Rita leaned back and said, “Who would have thought we’d meet in India during our school days and be friends all these years later, half the world away?”
“It’s a strange little world we live in, isn’t it?” Percival asked and a real grin crossed his face. “You were the most gangly awkward girl I had ever met. I was sure you were useless, but you weren’t. I really am happy for you, Rita.” To Vi’s utter shock he glanced at Ham and said, “You were right to wait. Even I can see he loves you more than I ever did. I thought we’d be good together, but you had your eye on something better. I’d say I hope you’ll be happy, but I can tell you will be.”
Every female at the table teared up and Rita rose, pressing a kiss to Percival’s cheek. She whispered something to him, and he laughed a self-deprecating noise and then stepped back. “Congratulations, old man.”
Ham nodded and shook Percival’s hand. As he walked away, Rita stared around and then muttered, “Has hell frozen over? I feel like I just saw my childhood friend for the first time in years.”
“It’s that he’s given up,” Jack told her. “He shifted from friend to a fellow who was targeting you. Now that your money is out of reach again, you’re just another one of the girls.”
Rita’s gaze moved to Vi. As the heiresses that were almost famous for their wealth, they understood each other better than anyone else. “You just shifted from a pile of buillon to a human. It’s in
credible, isn’t it?”
Given it wasn’t that amusing, Rita shook her head and rose. Vi glanced at everyone else and then followed, bypassing a gent who was narrowing down on the rules of the scavenger hunt, the shadow of Loopsie crying in the shadow of a tree, and Philip Russell animatedly telling his lover and her daughter a story that had them both hanging on his every word.

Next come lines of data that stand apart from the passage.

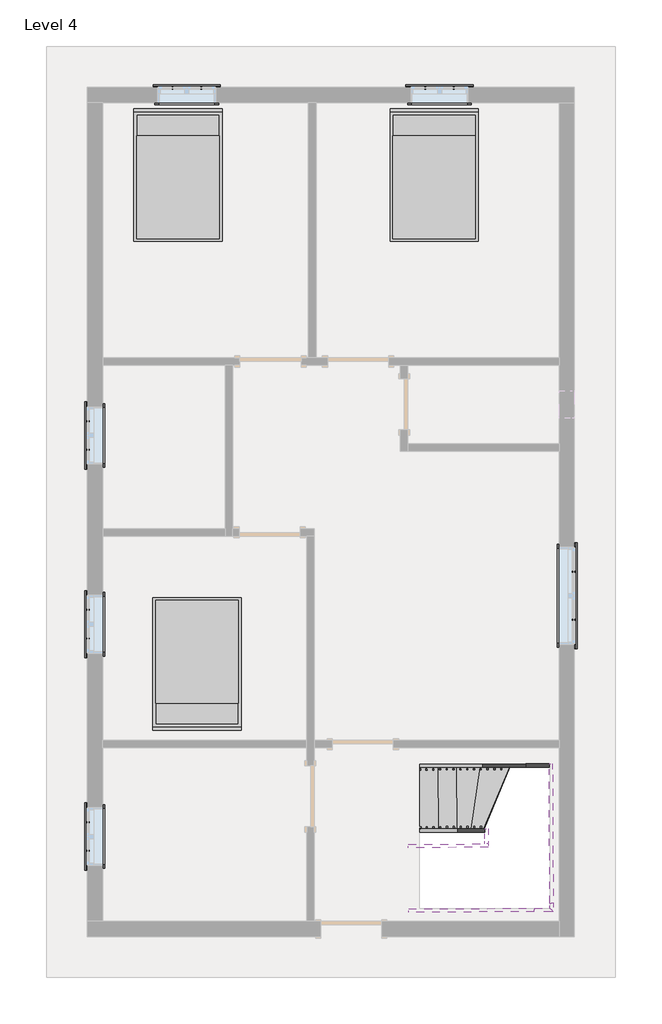
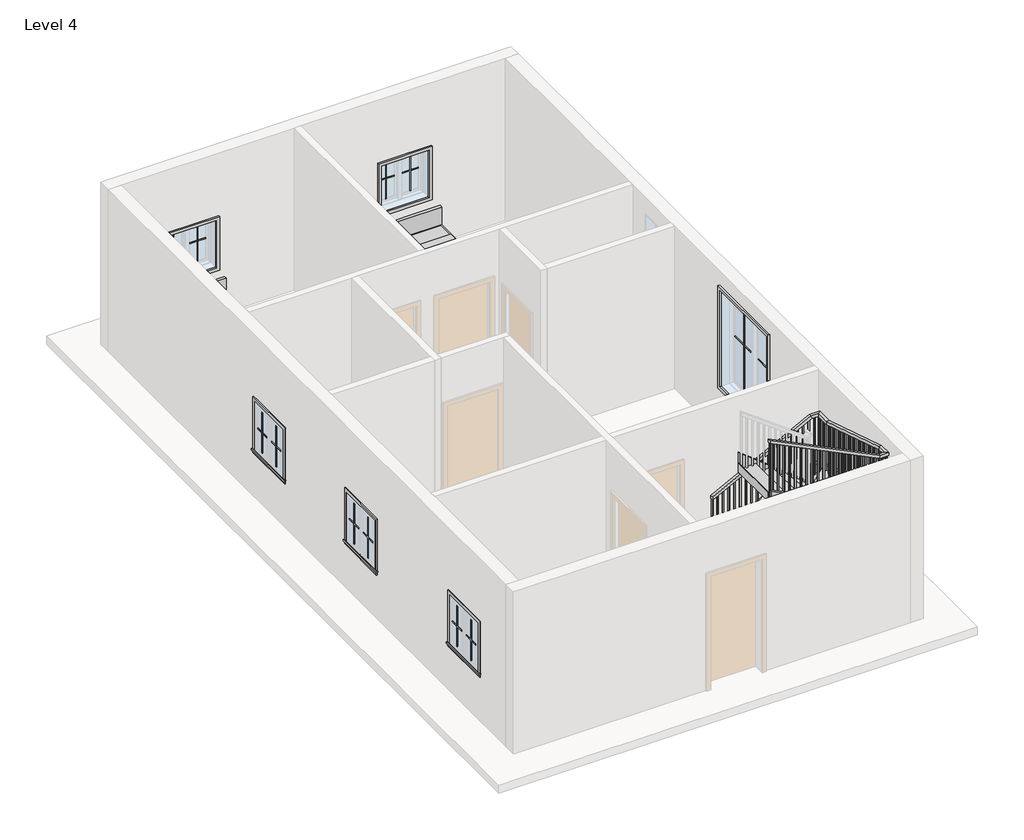
# One storey, part 2 of 2: 24 proxies, 9 members, 3 furniture elements, 1 railing, 1 stair flight.
"""IFC4 building model written with IfcOpenShell, lengths in millimetres."""

from ifc_helpers import new_model, si_unit, frame, origin, place, context, project, spatial, polyline, outline, extrude, faceted_brep, transform, mapped, element, save
from components import muntin_pattern_2x2_muntin_pattern_2x2_b3fe6957, muntin_pattern_2x2_muntin_pattern_2x2_3e0ecaf2, muntin_pattern_2x2_muntin_pattern_2x2_bff912c5, muntin_pattern_2x2_muntin_pattern_2x2_c2194282, trim_window_exterior_flat_with_sill_41619996, trim_window_exterior_flat_with_sill_e04b3088, trim_window_interior_flat_picture_frame_51c85655, trim_window_interior_flat_picture_frame_2a7685fe, bed_17739_bed_17739_15c61121, stair_flight_0f4fe1b0

model = new_model("IFC4")

# Units and contexts
model_context = context("Model", 3, world=origin())
ifc_project = project(units=[si_unit("LENGTHUNIT", "METRE", prefix="MILLI")], contexts=[model_context])

# Site, building, storey
site = spatial("IfcSite", under=ifc_project)
building = spatial("IfcBuilding", under=site)
storey = spatial("IfcBuildingStorey", under=building, Name="Level 4", Elevation=6400.8)

# Proxies
placement = place(None, origin())
muntin_pattern_2x2_muntin_pattern_2x2_shape = muntin_pattern_2x2_muntin_pattern_2x2_b3fe6957(model_context)
element("IfcBuildingElementProxy", 1, Name="Muntin Pattern_2x2 : Muntin Pattern_2x2", ObjectType="Muntin Pattern_2x2 : Muntin Pattern_2x2", at=placement, inside=storey, context=model_context, shape_type="MappedRepresentation", body=[
    mapped(muntin_pattern_2x2_muntin_pattern_2x2_shape, transform((-3622.2040084, 6872.3185985, 7385.05), x_axis=(1.0, 0.0, 0.0), y_axis=(0.0, 1.0, 0.0), z_axis=(0.0, 0.0, 1.0))),
])
element("IfcBuildingElementProxy", 2, Name="Muntin Pattern_2x2 : Muntin Pattern_2x2", ObjectType="Muntin Pattern_2x2 : Muntin Pattern_2x2", at=placement, inside=storey, context=model_context, shape_type="MappedRepresentation", body=[
    mapped(muntin_pattern_2x2_muntin_pattern_2x2_shape, transform((152.8709916, 6872.3185985, 7385.05), x_axis=(1.0, 0.0, 0.0), y_axis=(0.0, 1.0, 0.0), z_axis=(0.0, 0.0, 1.0))),
])
element("IfcBuildingElementProxy", 3, Name="Muntin Pattern_2x2 : Muntin Pattern_2x2", ObjectType="Muntin Pattern_2x2 : Muntin Pattern_2x2", at=placement, inside=storey, context=model_context, shape_type="MappedRepresentation", body=[
    mapped(muntin_pattern_2x2_muntin_pattern_2x2_shape, transform((-4884.2665084, 1466.8810985, 7385.05), x_axis=(0.0, 1.0, 0.0), y_axis=(-1.0, 0.0, 0.0), z_axis=(0.0, 0.0, 1.0))),
])
element("IfcBuildingElementProxy", 4, Name="Muntin Pattern_2x2 : Muntin Pattern_2x2", ObjectType="Muntin Pattern_2x2 : Muntin Pattern_2x2", at=placement, inside=storey, context=model_context, shape_type="MappedRepresentation", body=[
    mapped(muntin_pattern_2x2_muntin_pattern_2x2_shape, transform((-4884.2665084, -1352.5189015, 7385.05), x_axis=(0.0, 1.0, 0.0), y_axis=(-1.0, 0.0, 0.0), z_axis=(0.0, 0.0, 1.0))),
])
element("IfcBuildingElementProxy", 5, Name="Muntin Pattern_2x2 : Muntin Pattern_2x2", ObjectType="Muntin Pattern_2x2 : Muntin Pattern_2x2", at=placement, inside=storey, context=model_context, shape_type="MappedRepresentation", body=[
    mapped(muntin_pattern_2x2_muntin_pattern_2x2_shape, transform((-4884.2665084, -4524.3439015, 7385.05), x_axis=(0.0, 1.0, 0.0), y_axis=(-1.0, 0.0, 0.0), z_axis=(0.0, 0.0, 1.0))),
])
muntin_pattern_2x2_muntin_pattern_2x2_2_shape = muntin_pattern_2x2_muntin_pattern_2x2_3e0ecaf2(model_context)
element("IfcBuildingElementProxy", 6, Name="Muntin Pattern_2x2 : Muntin Pattern_2x2", ObjectType="Muntin Pattern_2x2 : Muntin Pattern_2x2", at=placement, inside=storey, context=model_context, shape_type="MappedRepresentation", body=[
    mapped(muntin_pattern_2x2_muntin_pattern_2x2_2_shape, transform((-3193.5790084, 6872.3185985, 7385.05), x_axis=(-1.0, 0.0, 0.0), y_axis=(0.0, -1.0, 0.0), z_axis=(0.0, 0.0, 1.0))),
])
element("IfcBuildingElementProxy", 7, Name="Muntin Pattern_2x2 : Muntin Pattern_2x2", ObjectType="Muntin Pattern_2x2 : Muntin Pattern_2x2", at=placement, inside=storey, context=model_context, shape_type="MappedRepresentation", body=[
    mapped(muntin_pattern_2x2_muntin_pattern_2x2_2_shape, transform((581.4959916, 6872.3185985, 7385.05), x_axis=(-1.0, 0.0, 0.0), y_axis=(0.0, -1.0, 0.0), z_axis=(0.0, 0.0, 1.0))),
])
element("IfcBuildingElementProxy", 8, Name="Muntin Pattern_2x2 : Muntin Pattern_2x2", ObjectType="Muntin Pattern_2x2 : Muntin Pattern_2x2", at=placement, inside=storey, context=model_context, shape_type="MappedRepresentation", body=[
    mapped(muntin_pattern_2x2_muntin_pattern_2x2_2_shape, transform((-4884.2665084, 1895.5060985, 7385.05), x_axis=(0.0, -1.0, 0.0), y_axis=(1.0, 0.0, 0.0), z_axis=(0.0, 0.0, 1.0))),
])
element("IfcBuildingElementProxy", 9, Name="Muntin Pattern_2x2 : Muntin Pattern_2x2", ObjectType="Muntin Pattern_2x2 : Muntin Pattern_2x2", at=placement, inside=storey, context=model_context, shape_type="MappedRepresentation", body=[
    mapped(muntin_pattern_2x2_muntin_pattern_2x2_2_shape, transform((-4884.2665084, -923.8939015, 7385.05), x_axis=(0.0, -1.0, 0.0), y_axis=(1.0, 0.0, 0.0), z_axis=(0.0, 0.0, 1.0))),
])
element("IfcBuildingElementProxy", 10, Name="Muntin Pattern_2x2 : Muntin Pattern_2x2", ObjectType="Muntin Pattern_2x2 : Muntin Pattern_2x2", at=placement, inside=storey, context=model_context, shape_type="MappedRepresentation", body=[
    mapped(muntin_pattern_2x2_muntin_pattern_2x2_2_shape, transform((-4884.2665084, -4095.7189015, 7385.05), x_axis=(0.0, -1.0, 0.0), y_axis=(1.0, 0.0, 0.0), z_axis=(0.0, 0.0, 1.0))),
])
muntin_pattern_2x2_muntin_pattern_2x2_3_shape = muntin_pattern_2x2_muntin_pattern_2x2_bff912c5(model_context)
element("IfcBuildingElementProxy", 11, Name="Muntin Pattern_2x2 : Muntin Pattern_2x2", ObjectType="Muntin Pattern_2x2 : Muntin Pattern_2x2", at=placement, inside=storey, context=model_context, shape_type="MappedRepresentation", body=[
    mapped(muntin_pattern_2x2_muntin_pattern_2x2_3_shape, transform((2373.7834916, -352.3939015, 7385.05), x_axis=(0.0, -1.0, 0.0), y_axis=(1.0, 0.0, 0.0), z_axis=(0.0, 0.0, 1.0))),
])
muntin_pattern_2x2_muntin_pattern_2x2_4_shape = muntin_pattern_2x2_muntin_pattern_2x2_c2194282(model_context)
element("IfcBuildingElementProxy", 12, Name="Muntin Pattern_2x2 : Muntin Pattern_2x2", ObjectType="Muntin Pattern_2x2 : Muntin Pattern_2x2", at=placement, inside=storey, context=model_context, shape_type="MappedRepresentation", body=[
    mapped(muntin_pattern_2x2_muntin_pattern_2x2_4_shape, transform((2373.7834916, -1073.1189015, 7385.05), x_axis=(0.0, 1.0, 0.0), y_axis=(-1.0, 0.0, 0.0), z_axis=(0.0, 0.0, 1.0))),
])
trim_window_exterior_flat_with_sill_shape = trim_window_exterior_flat_with_sill_41619996(model_context)
element("IfcBuildingElementProxy", 13, Name="Trim-Window-Exterior-Flat : with Sill", ObjectType="Trim-Window-Exterior-Flat : with Sill", at=placement, inside=storey, context=model_context, shape_type="MappedRepresentation", body=[
    mapped(trim_window_exterior_flat_with_sill_shape, transform((-3407.8915084, 6881.8435985, 8229.6), x_axis=(-1.0, 0.0, 0.0), y_axis=(0.0, 0.0, 1.0), z_axis=(0.0, 1.0, 0.0))),
])
element("IfcBuildingElementProxy", 14, Name="Trim-Window-Exterior-Flat : with Sill", ObjectType="Trim-Window-Exterior-Flat : with Sill", at=placement, inside=storey, context=model_context, shape_type="MappedRepresentation", body=[
    mapped(trim_window_exterior_flat_with_sill_shape, transform((367.1834916, 6881.8435985, 8229.6), x_axis=(-1.0, 0.0, 0.0), y_axis=(0.0, 0.0, 1.0), z_axis=(0.0, 1.0, 0.0))),
])
element("IfcBuildingElementProxy", 15, Name="Trim-Window-Exterior-Flat : with Sill", ObjectType="Trim-Window-Exterior-Flat : with Sill", at=placement, inside=storey, context=model_context, shape_type="MappedRepresentation", body=[
    mapped(trim_window_exterior_flat_with_sill_shape, transform((-4893.7915084, 1681.1935985, 8229.6), x_axis=(0.0, -1.0, 0.0), y_axis=(0.0, 0.0, 1.0), z_axis=(-1.0, 0.0, 0.0))),
])
element("IfcBuildingElementProxy", 16, Name="Trim-Window-Exterior-Flat : with Sill", ObjectType="Trim-Window-Exterior-Flat : with Sill", at=placement, inside=storey, context=model_context, shape_type="MappedRepresentation", body=[
    mapped(trim_window_exterior_flat_with_sill_shape, transform((-4893.7915084, -1138.2064015, 8229.6), x_axis=(0.0, -1.0, 0.0), y_axis=(0.0, 0.0, 1.0), z_axis=(-1.0, 0.0, 0.0))),
])
element("IfcBuildingElementProxy", 17, Name="Trim-Window-Exterior-Flat : with Sill", ObjectType="Trim-Window-Exterior-Flat : with Sill", at=placement, inside=storey, context=model_context, shape_type="MappedRepresentation", body=[
    mapped(trim_window_exterior_flat_with_sill_shape, transform((-4893.7915084, -4310.0314015, 8229.6), x_axis=(0.0, -1.0, 0.0), y_axis=(0.0, 0.0, 1.0), z_axis=(-1.0, 0.0, 0.0))),
])
trim_window_exterior_flat_with_sill_2_shape = trim_window_exterior_flat_with_sill_e04b3088(model_context)
element("IfcBuildingElementProxy", 18, Name="Trim-Window-Exterior-Flat : with Sill", ObjectType="Trim-Window-Exterior-Flat : with Sill", at=placement, inside=storey, context=model_context, shape_type="MappedRepresentation", body=[
    mapped(trim_window_exterior_flat_with_sill_2_shape, transform((2383.3084916, -712.7564015, 9144.0), x_axis=(0.0, 1.0, 0.0), y_axis=(0.0, 0.0, 1.0), z_axis=(1.0, 0.0, 0.0))),
])
trim_window_interior_flat_picture_frame_shape = trim_window_interior_flat_picture_frame_51c85655(model_context)
element("IfcBuildingElementProxy", 19, Name="Trim-Window-Interior-Flat : Picture Frame", ObjectType="Trim-Window-Interior-Flat : Picture Frame", at=placement, inside=storey, context=model_context, shape_type="MappedRepresentation", body=[
    mapped(trim_window_interior_flat_picture_frame_shape, transform((-3407.8915084, 6653.2435985, 8229.6), x_axis=(1.0, 0.0, 0.0), y_axis=(0.0, 0.0, 1.0), z_axis=(0.0, -1.0, 0.0))),
])
element("IfcBuildingElementProxy", 20, Name="Trim-Window-Interior-Flat : Picture Frame", ObjectType="Trim-Window-Interior-Flat : Picture Frame", at=placement, inside=storey, context=model_context, shape_type="MappedRepresentation", body=[
    mapped(trim_window_interior_flat_picture_frame_shape, transform((367.1834916, 6653.2435985, 8229.6), x_axis=(1.0, 0.0, 0.0), y_axis=(0.0, 0.0, 1.0), z_axis=(0.0, -1.0, 0.0))),
])
element("IfcBuildingElementProxy", 21, Name="Trim-Window-Interior-Flat : Picture Frame", ObjectType="Trim-Window-Interior-Flat : Picture Frame", at=placement, inside=storey, context=model_context, shape_type="MappedRepresentation", body=[
    mapped(trim_window_interior_flat_picture_frame_shape, transform((-4665.1915084, 1681.1935985, 8229.6), x_axis=(0.0, 1.0, 0.0), y_axis=(0.0, 0.0, 1.0), z_axis=(1.0, 0.0, 0.0))),
])
element("IfcBuildingElementProxy", 22, Name="Trim-Window-Interior-Flat : Picture Frame", ObjectType="Trim-Window-Interior-Flat : Picture Frame", at=placement, inside=storey, context=model_context, shape_type="MappedRepresentation", body=[
    mapped(trim_window_interior_flat_picture_frame_shape, transform((-4665.1915084, -1138.2064015, 8229.6), x_axis=(0.0, 1.0, 0.0), y_axis=(0.0, 0.0, 1.0), z_axis=(1.0, 0.0, 0.0))),
])
element("IfcBuildingElementProxy", 23, Name="Trim-Window-Interior-Flat : Picture Frame", ObjectType="Trim-Window-Interior-Flat : Picture Frame", at=placement, inside=storey, context=model_context, shape_type="MappedRepresentation", body=[
    mapped(trim_window_interior_flat_picture_frame_shape, transform((-4665.1915084, -4310.0314015, 8229.6), x_axis=(0.0, 1.0, 0.0), y_axis=(0.0, 0.0, 1.0), z_axis=(1.0, 0.0, 0.0))),
])
trim_window_interior_flat_picture_frame_2_shape = trim_window_interior_flat_picture_frame_2a7685fe(model_context)
element("IfcBuildingElementProxy", 24, Name="Trim-Window-Interior-Flat : Picture Frame", ObjectType="Trim-Window-Interior-Flat : Picture Frame", at=placement, inside=storey, context=model_context, shape_type="MappedRepresentation", body=[
    mapped(trim_window_interior_flat_picture_frame_2_shape, transform((2154.7084916, -712.7564015, 9144.0), x_axis=(0.0, -1.0, 0.0), y_axis=(0.0, 0.0, 1.0), z_axis=(-1.0, 0.0, 0.0))),
])

# Furniture
bed_17739_bed_17739_shape = bed_17739_bed_17739_15c61121(model_context)
element("IfcFurniture", 25, ObjectType="Bed_17739 : Bed_17739", at=placement, inside=storey, context=model_context, shape_type="MappedRepresentation", body=[
    mapped(bed_17739_bed_17739_shape, transform((-3541.2415084, 5548.3435985, 6400.8), x_axis=(1.0, 0.0, 0.0), y_axis=(0.0, 1.0, 0.0), z_axis=(0.0, 0.0, 1.0))),
])
element("IfcFurniture", 26, ObjectType="Bed_17739 : Bed_17739", at=placement, inside=storey, context=model_context, shape_type="MappedRepresentation", body=[
    mapped(bed_17739_bed_17739_shape, transform((287.8084916, 5548.3435985, 6400.8), x_axis=(1.0, 0.0, 0.0), y_axis=(0.0, 1.0, 0.0), z_axis=(0.0, 0.0, 1.0))),
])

They bypassed Geoffrey and Ginny who had slipped into the trees and were walking hand-in-hand far too openly if they wanted to avoid the wrath of Lady Eleanor. Then they slipped inside, hurrying up to Rita’s bedroom.
Sometimes the thing to do to make yourself feel better was to pack your clothes for your honeymoon and discuss shopping for new clothes in Paris. If doing that together was what Rita needed from Vi, she’d be happy to help.
Chapter 8
The dance started with servants handing out masks. There were simple black masks, otherworldly leather masks formed into shapes, and colorful feathered masks that suggested everything from exotic birds to wolves and foxes and fairies. Vi found a blue and aqua feathered mask that went with her dress and let Jack tie it for her.
Jack chose a formed leather mask that seemed half-devil, half-wolf. Then he tugged her into his arm, wrapping it tight around her. “Now that they don’t know it’s us,” he said with a grin, “I’m not limited to kissing your fingers or your brow.”
To Vi’s shock, he planted a passionate kiss on her lips and whispered, “I adore you Violet Wakefield.”
Vi pulled back and told him with careful precision so there could be no mistake, “I love you, Jack.”
He kissed her softly until Denny dryly said, “Save it for the bedroom, you two.”
Jack turned, holding Vi close, “We’re incognito now. Haven’t you noticed? Though I admit, it’s difficult kissing with these masks on.”
Around that time, Victor and his wife, Vi’s sister Isolde and husband Tomas, along with Denny and Lila appeared.
“You, sirrah,” Lila said with a laugh, “are a mountain of a man with the broadest shoulders and tallest form here. There’s no way that everyone doesn’t know who you are. And every woman knows Vi by her long strand of black pearls.”